DataItem9 AC-DataItem9 DataItem6 DataItem12

MSF-DataItem12 AC-DataItem12 RT-DataItem12 PC-DataItem12

Top model
• Pick the top important predictors from the full set of the predictors to build the model (top 100, 90, 80, 70, 60, 50, 40, 30, 25, 20, 15, 10)
Observation and analysis
• The fail error rate is still high (> 30%)
• No all the runs fail at the same time
• Fail:Success = 19:81 (too few fail cases to build a good model)
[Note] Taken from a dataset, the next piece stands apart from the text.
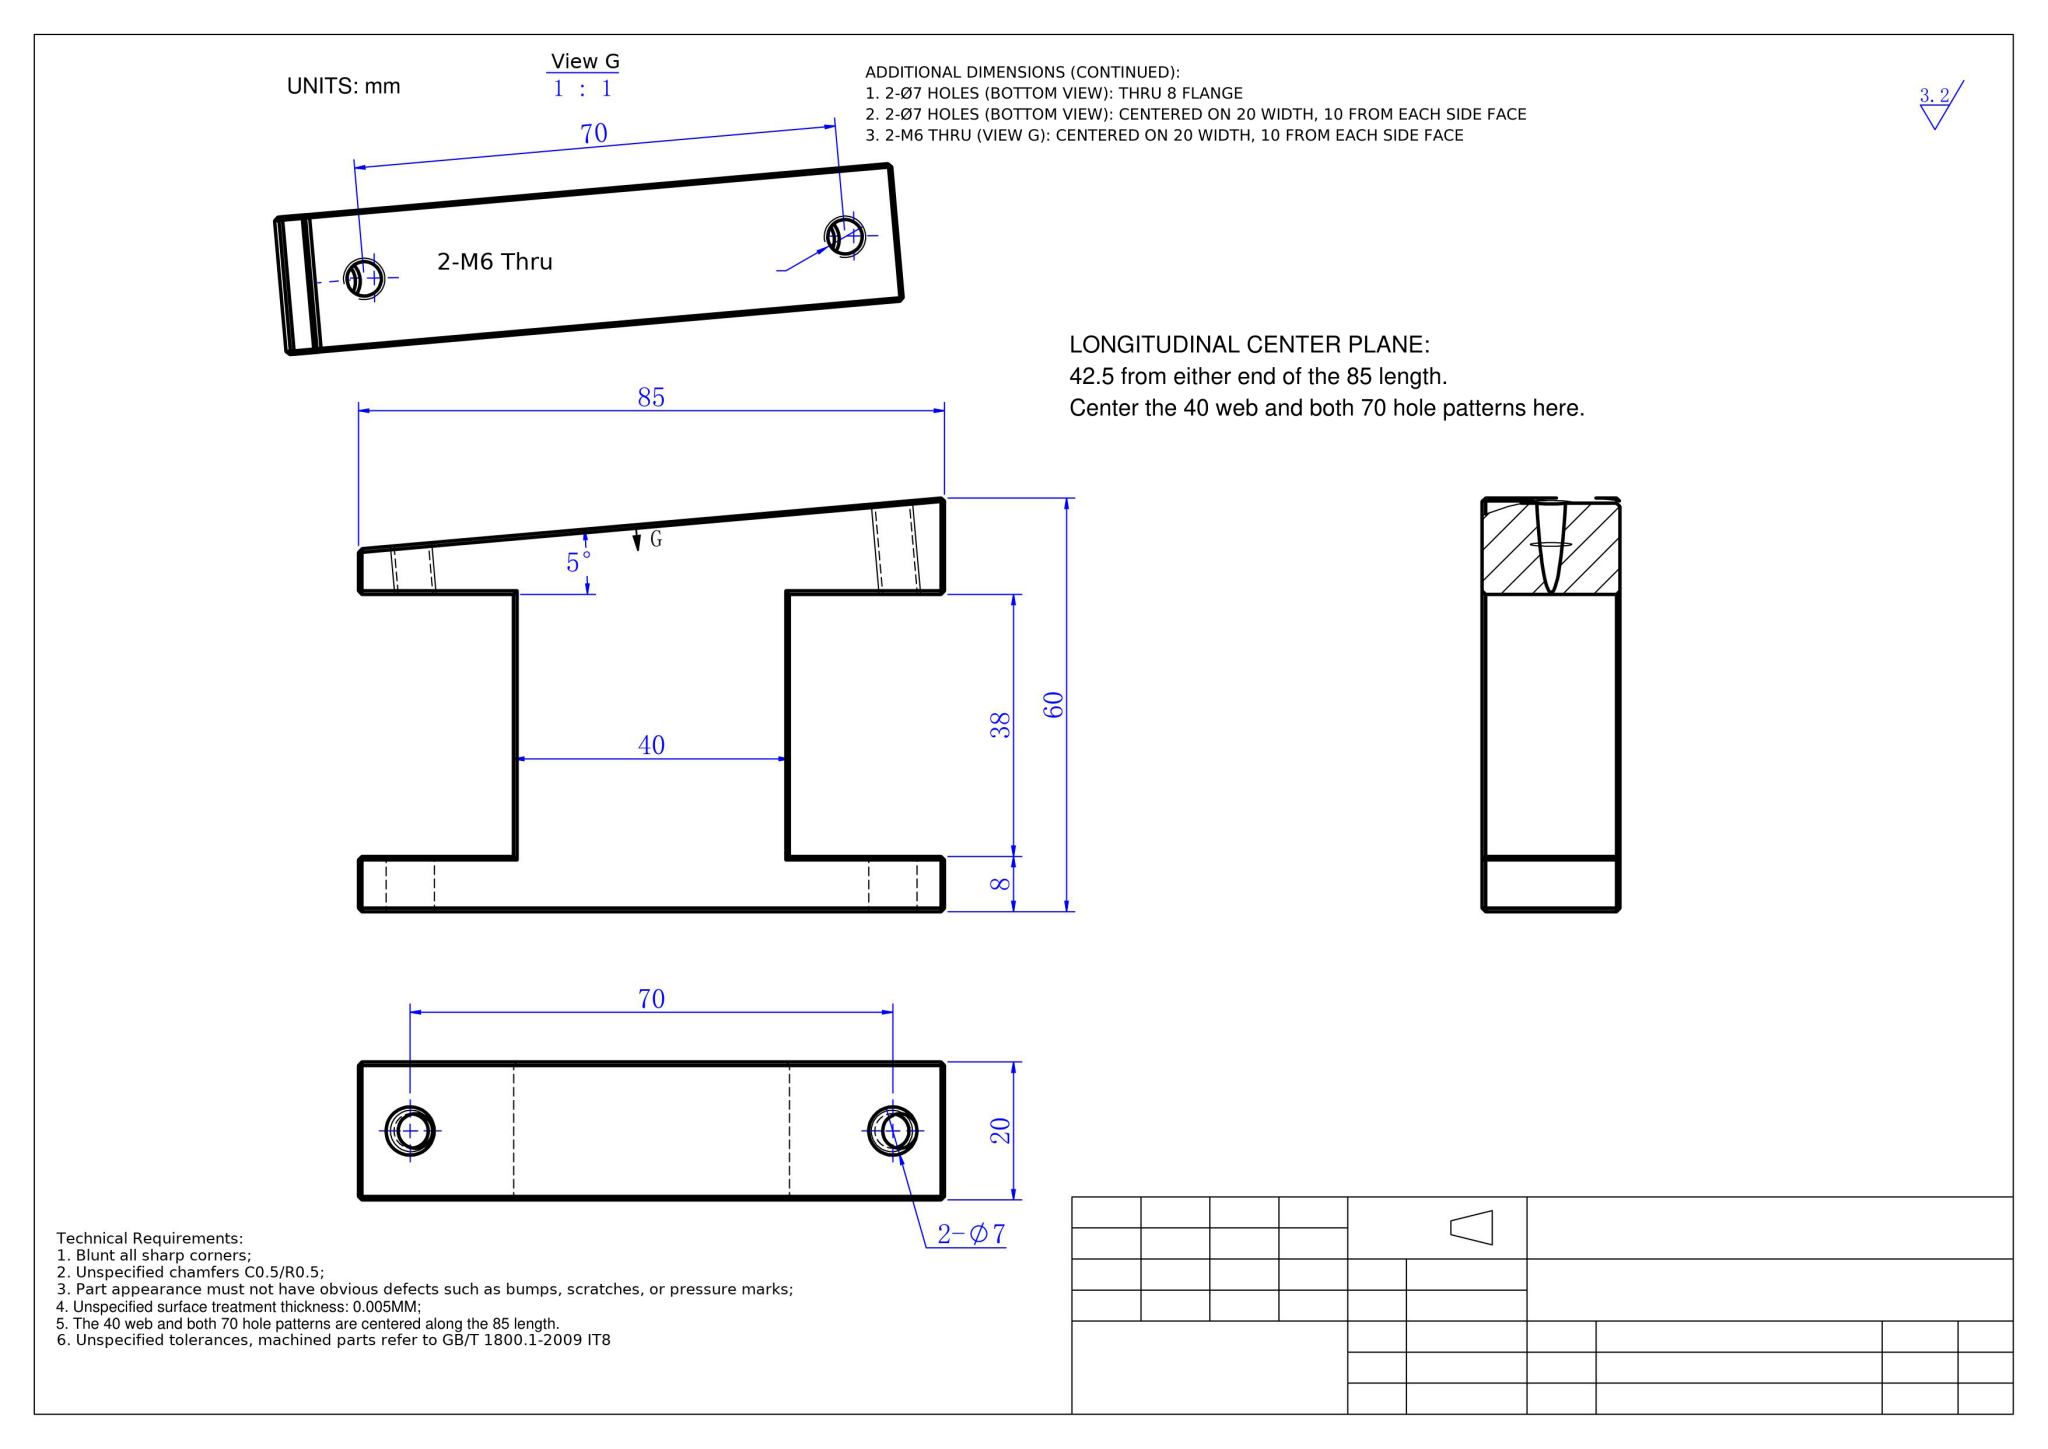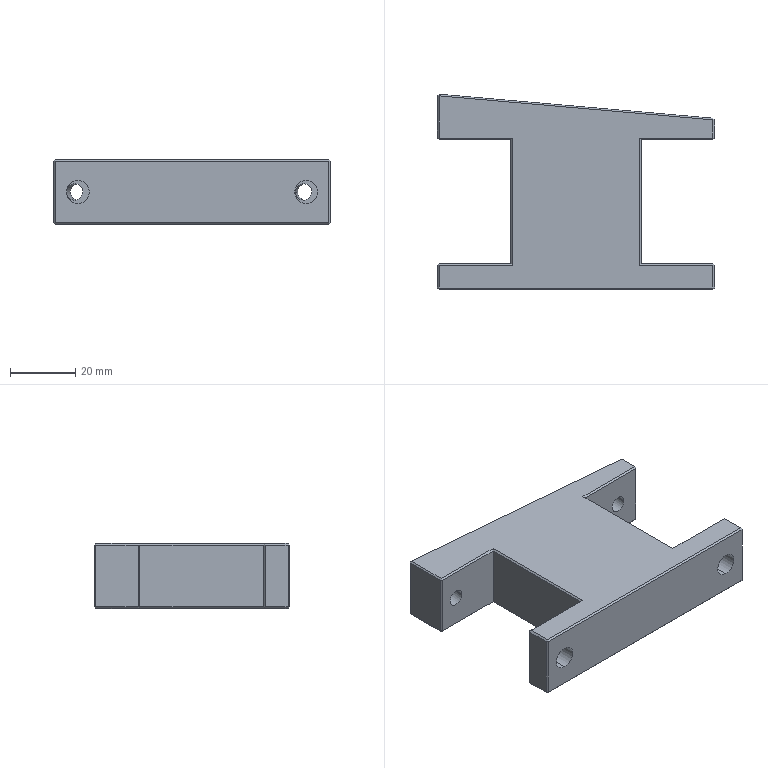Part | NX | mm | 1 solid | 70 faces | box 85 x 59.96 x 20 mm | volume 60346 mm3 | plane 62 | cylinder 8 | commonest cylinder face diameters 7 x4 5 x4

• Some predictors are raw, while others are derived – MSF, AC, PC, RT
Improvements
• Get the last N records for a particular run
• For a set of data, randomly drop some pass data and duplicate the fail data
• Randomly pick the raw predictors then all its derived predictors
Conclusion so far
• Random selection does not achieve a good error rate
• Some predictors have a stronger prediction power
• A small set of important predictor can achieve good error rate
Future work
• Why some predictors have stronger prediction power?
• Any pattern for the important predictors?
• How many important predictors should we pick?
• How soon can we predict a fail run before it actually fails?